Another £30mil in funding raised for intrepid Nutmeg, the UK’s first robo-advice firm, this time from mainly Hong Kong based investors and a bit of a top up for the existing investor base. This even registered in the corridors of power, with Phillip Hammond declaring the UK “Fin-Tech capital of the world” as a result! This latest investment takes the total raised by Nutmeg alone to just shy of £60mil, quite a statement of confidence in a business that is by all accounts (but mainly their own accounts) struggling to keep its head above water.
I’ve previously written about how I see “pure” digital-advice firms, as likely to struggle to be much more than the fad that (fingers crossed) sparks a shift in the approach taken by the wealth management establishment to the parts of the market they currently eschew. A little like UKIP in the context of Brexit, or Trump in US politics (tenuous blog title connection made!).
Whilst the ambition of digital advice start-ups to change the face of long term savings is an admirable and worthwhile cause, one that I certainly support as a member of their target demographic. Stories such as this (http://goo.gl/ejXoFm) make me worry about the ability of these firms to stick around long enough to influence the market and shift it far enough in a direction that delivers good outcomes for savers.
Sticking with Nutmeg (and being acutely aware that I may be coming across as having a personal vendetta, but honestly it’s just they’re the only “pure” robo-advisor with a long enough track record to have any useful data), who posted an eye watering loss just shy of £9mil in 2015 on the back of just £1.7mil turnover and who indicated that further fund raising rounds are almost inevitable to help them in achieving their goals, one wonders how long it will be before investors tire and aren’t so willing to keep shoveling in money. Even with customer numbers up 50% and AUM up 100%, operating costs rose 80% and the afore mentioned loss was a 70% jump on the just over £5mil loss the previous year, difficult to dress that up and tell a rosy story of things to come.

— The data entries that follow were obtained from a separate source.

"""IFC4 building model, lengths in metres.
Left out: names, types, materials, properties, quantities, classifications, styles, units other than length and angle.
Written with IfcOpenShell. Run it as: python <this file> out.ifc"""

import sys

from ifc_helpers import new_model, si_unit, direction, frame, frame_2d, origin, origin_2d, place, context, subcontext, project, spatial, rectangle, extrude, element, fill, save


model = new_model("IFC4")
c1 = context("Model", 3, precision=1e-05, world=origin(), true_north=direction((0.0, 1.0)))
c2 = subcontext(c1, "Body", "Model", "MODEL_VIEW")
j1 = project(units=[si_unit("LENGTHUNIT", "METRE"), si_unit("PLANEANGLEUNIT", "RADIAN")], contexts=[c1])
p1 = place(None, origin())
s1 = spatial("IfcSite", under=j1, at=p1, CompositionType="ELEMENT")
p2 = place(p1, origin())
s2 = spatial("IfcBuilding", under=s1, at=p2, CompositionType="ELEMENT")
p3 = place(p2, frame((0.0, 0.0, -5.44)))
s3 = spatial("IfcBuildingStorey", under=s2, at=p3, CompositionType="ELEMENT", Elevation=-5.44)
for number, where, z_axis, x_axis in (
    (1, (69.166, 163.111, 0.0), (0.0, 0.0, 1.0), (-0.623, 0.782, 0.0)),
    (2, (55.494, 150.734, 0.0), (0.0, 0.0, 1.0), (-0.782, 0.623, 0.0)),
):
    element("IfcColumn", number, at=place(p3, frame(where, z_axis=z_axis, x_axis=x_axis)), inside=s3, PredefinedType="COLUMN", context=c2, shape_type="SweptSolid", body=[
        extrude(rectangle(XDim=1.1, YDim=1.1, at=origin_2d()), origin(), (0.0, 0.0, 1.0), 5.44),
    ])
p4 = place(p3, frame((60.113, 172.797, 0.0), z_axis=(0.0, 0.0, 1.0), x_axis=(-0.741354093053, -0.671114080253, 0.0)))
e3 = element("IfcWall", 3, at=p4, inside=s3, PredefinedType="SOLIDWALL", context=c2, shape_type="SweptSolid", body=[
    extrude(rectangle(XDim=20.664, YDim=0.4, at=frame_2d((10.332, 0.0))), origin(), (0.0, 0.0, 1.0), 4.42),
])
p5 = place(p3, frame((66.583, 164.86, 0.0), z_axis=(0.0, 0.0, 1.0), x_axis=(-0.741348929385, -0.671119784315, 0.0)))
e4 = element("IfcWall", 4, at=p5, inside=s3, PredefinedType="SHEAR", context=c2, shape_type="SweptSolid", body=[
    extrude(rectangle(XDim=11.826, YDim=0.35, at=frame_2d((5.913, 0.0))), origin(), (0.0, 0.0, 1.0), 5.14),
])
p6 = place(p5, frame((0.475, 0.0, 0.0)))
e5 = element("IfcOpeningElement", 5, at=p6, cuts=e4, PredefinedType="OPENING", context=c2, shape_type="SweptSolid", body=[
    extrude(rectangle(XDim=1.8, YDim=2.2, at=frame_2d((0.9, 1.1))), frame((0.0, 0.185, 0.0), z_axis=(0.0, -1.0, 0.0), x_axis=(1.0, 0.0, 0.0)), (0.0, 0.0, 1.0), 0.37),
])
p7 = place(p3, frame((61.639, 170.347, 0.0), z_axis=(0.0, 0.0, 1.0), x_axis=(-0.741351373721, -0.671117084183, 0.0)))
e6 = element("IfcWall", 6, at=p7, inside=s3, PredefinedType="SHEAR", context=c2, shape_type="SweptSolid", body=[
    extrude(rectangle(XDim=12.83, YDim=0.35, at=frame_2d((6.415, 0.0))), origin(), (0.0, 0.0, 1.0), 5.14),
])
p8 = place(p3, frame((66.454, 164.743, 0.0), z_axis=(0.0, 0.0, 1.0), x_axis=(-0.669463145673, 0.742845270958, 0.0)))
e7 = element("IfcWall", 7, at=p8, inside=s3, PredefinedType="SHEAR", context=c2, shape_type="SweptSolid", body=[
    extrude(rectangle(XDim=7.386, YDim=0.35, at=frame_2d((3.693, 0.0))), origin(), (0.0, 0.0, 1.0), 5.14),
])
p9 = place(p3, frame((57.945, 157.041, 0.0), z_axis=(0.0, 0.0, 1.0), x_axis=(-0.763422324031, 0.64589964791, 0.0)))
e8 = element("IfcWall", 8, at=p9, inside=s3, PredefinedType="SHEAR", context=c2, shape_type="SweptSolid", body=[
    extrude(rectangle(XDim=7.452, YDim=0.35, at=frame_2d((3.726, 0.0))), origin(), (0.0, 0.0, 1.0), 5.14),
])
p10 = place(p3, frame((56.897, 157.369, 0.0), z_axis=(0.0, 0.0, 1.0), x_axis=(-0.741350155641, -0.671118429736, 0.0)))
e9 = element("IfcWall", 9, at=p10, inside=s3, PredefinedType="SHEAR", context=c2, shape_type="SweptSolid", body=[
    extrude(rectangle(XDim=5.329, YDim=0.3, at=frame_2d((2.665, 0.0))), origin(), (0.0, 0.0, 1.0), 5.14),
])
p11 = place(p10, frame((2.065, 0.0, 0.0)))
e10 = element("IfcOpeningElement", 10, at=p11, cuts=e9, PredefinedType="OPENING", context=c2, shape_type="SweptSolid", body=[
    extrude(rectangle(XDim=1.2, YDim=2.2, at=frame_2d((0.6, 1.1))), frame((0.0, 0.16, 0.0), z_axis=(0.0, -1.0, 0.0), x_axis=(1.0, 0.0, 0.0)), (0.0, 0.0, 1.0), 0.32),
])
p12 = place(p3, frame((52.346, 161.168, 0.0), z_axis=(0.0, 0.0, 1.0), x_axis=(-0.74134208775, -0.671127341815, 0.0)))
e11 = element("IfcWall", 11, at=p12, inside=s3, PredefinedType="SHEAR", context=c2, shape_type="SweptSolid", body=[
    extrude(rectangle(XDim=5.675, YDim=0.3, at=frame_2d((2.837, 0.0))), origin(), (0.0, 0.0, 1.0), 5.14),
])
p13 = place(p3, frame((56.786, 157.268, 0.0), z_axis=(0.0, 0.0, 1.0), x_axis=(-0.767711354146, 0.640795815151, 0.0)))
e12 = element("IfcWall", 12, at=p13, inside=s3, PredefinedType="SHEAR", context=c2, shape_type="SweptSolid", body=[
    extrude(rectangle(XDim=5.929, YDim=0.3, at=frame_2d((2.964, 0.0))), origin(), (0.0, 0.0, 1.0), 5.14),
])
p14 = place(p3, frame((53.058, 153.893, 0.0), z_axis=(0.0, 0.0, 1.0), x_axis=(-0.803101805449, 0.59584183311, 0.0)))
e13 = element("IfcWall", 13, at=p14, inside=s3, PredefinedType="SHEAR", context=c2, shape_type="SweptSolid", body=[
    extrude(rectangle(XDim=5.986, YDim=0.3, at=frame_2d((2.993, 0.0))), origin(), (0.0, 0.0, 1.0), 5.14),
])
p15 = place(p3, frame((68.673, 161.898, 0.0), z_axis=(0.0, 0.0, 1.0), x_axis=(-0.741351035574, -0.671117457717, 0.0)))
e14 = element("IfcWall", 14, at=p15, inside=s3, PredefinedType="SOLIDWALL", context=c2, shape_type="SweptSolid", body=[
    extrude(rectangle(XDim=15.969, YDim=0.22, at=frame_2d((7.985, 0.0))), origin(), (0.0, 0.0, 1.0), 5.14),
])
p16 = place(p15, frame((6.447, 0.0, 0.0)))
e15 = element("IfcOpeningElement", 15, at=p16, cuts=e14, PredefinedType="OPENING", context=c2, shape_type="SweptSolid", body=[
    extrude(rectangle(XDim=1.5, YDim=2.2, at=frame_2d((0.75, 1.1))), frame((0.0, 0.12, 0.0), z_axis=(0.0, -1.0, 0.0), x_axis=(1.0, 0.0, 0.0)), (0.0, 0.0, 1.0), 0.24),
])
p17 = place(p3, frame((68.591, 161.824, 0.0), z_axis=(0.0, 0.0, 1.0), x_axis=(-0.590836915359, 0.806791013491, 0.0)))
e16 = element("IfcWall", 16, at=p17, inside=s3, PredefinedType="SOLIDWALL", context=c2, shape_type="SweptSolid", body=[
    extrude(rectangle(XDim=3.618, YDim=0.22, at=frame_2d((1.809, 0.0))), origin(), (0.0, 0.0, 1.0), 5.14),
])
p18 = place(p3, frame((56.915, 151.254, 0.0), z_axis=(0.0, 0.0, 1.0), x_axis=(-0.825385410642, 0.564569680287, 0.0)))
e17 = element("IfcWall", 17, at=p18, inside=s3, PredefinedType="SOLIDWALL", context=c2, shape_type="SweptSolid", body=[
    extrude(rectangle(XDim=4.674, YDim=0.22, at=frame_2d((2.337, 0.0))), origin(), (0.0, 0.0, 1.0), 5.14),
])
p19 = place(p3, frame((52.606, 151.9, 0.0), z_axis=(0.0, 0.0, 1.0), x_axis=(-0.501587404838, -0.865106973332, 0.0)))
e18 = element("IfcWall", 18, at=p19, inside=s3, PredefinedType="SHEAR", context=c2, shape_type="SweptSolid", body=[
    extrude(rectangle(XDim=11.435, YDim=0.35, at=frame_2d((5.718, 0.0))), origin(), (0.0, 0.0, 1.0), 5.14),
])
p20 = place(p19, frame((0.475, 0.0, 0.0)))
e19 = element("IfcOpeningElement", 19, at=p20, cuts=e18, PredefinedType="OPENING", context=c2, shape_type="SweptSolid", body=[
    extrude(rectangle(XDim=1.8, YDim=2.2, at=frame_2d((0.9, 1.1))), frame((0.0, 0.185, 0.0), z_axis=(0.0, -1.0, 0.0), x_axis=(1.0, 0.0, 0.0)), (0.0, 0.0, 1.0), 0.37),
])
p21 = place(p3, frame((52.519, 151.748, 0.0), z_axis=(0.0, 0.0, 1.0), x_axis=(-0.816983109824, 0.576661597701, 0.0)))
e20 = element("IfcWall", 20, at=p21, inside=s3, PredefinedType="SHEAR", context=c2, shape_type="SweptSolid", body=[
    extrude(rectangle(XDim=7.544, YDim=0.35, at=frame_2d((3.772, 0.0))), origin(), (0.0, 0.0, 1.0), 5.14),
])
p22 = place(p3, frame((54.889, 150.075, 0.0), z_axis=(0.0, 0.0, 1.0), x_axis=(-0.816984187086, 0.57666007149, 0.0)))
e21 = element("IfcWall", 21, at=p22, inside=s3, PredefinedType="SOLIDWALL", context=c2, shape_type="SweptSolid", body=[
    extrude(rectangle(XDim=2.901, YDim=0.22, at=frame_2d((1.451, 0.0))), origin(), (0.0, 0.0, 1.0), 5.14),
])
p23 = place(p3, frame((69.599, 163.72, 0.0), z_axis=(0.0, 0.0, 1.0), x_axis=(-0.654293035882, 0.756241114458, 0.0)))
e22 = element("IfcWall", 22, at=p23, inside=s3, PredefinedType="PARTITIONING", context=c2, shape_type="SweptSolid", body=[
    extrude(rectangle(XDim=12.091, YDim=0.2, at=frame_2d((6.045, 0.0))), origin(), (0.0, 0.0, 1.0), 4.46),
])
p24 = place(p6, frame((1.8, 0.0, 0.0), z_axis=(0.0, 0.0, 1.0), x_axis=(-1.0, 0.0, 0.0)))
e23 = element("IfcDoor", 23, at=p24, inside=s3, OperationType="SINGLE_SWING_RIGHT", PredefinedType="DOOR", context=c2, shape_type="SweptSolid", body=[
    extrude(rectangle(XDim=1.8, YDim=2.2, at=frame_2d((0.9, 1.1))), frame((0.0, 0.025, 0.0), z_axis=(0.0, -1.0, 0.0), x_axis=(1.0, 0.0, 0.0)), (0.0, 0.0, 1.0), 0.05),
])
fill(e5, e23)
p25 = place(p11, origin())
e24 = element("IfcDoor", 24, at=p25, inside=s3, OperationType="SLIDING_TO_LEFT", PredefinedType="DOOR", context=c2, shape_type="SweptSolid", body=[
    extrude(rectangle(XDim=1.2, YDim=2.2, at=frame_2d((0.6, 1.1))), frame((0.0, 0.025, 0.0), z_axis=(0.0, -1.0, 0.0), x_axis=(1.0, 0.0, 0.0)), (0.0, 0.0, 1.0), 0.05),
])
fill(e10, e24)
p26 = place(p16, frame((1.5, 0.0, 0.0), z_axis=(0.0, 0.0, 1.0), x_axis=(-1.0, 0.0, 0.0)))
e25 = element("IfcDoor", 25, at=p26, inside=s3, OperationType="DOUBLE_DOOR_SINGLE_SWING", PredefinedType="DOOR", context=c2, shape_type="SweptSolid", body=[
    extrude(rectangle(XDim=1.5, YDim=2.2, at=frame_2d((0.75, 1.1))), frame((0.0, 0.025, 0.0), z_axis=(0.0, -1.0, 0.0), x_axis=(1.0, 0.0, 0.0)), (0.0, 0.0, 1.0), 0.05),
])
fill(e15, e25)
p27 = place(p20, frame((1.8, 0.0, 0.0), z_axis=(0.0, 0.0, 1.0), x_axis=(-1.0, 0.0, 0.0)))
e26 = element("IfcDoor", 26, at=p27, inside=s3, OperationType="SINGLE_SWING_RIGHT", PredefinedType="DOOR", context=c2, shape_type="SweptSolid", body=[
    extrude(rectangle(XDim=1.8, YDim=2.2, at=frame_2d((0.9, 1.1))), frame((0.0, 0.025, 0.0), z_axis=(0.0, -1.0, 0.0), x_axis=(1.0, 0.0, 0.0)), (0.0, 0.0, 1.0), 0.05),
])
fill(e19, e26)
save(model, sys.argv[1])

But perhaps I’m not seeing the bigger picture. We all know technology in financial services doesn’t come cheap, neither does running an operation behind an evolving proposition and if your mission is to shake up the industry establishment, you’ve got to spend a lot of money making a lot of noise about it too. And just perhaps I’m too doom and gloom and all this money will eventually come rushing back out of the hole into which it went with a healthy return attached? I just shudder to think what investment horizon backers were thinking about when they put their money on the table and what the reality will be.
So what? Need the millennial investor worry about all of this and the longevity of his or her ability to save via a Nutmeg style ISA, benefit from some helpful guidance and ongoing discretionary management? Maybe not! The wealth management establishment has been taking note of all the hype, kicking its change engine into gear and new propositions a plenty are on the horizon from some of those names that will have limited issue in gaining the scale that’ll make digital advice pay long term. Let’s just hope whatever comes next is less of a bodged response to the wants and desires of the masses than appears to have been implemented by the US electorate.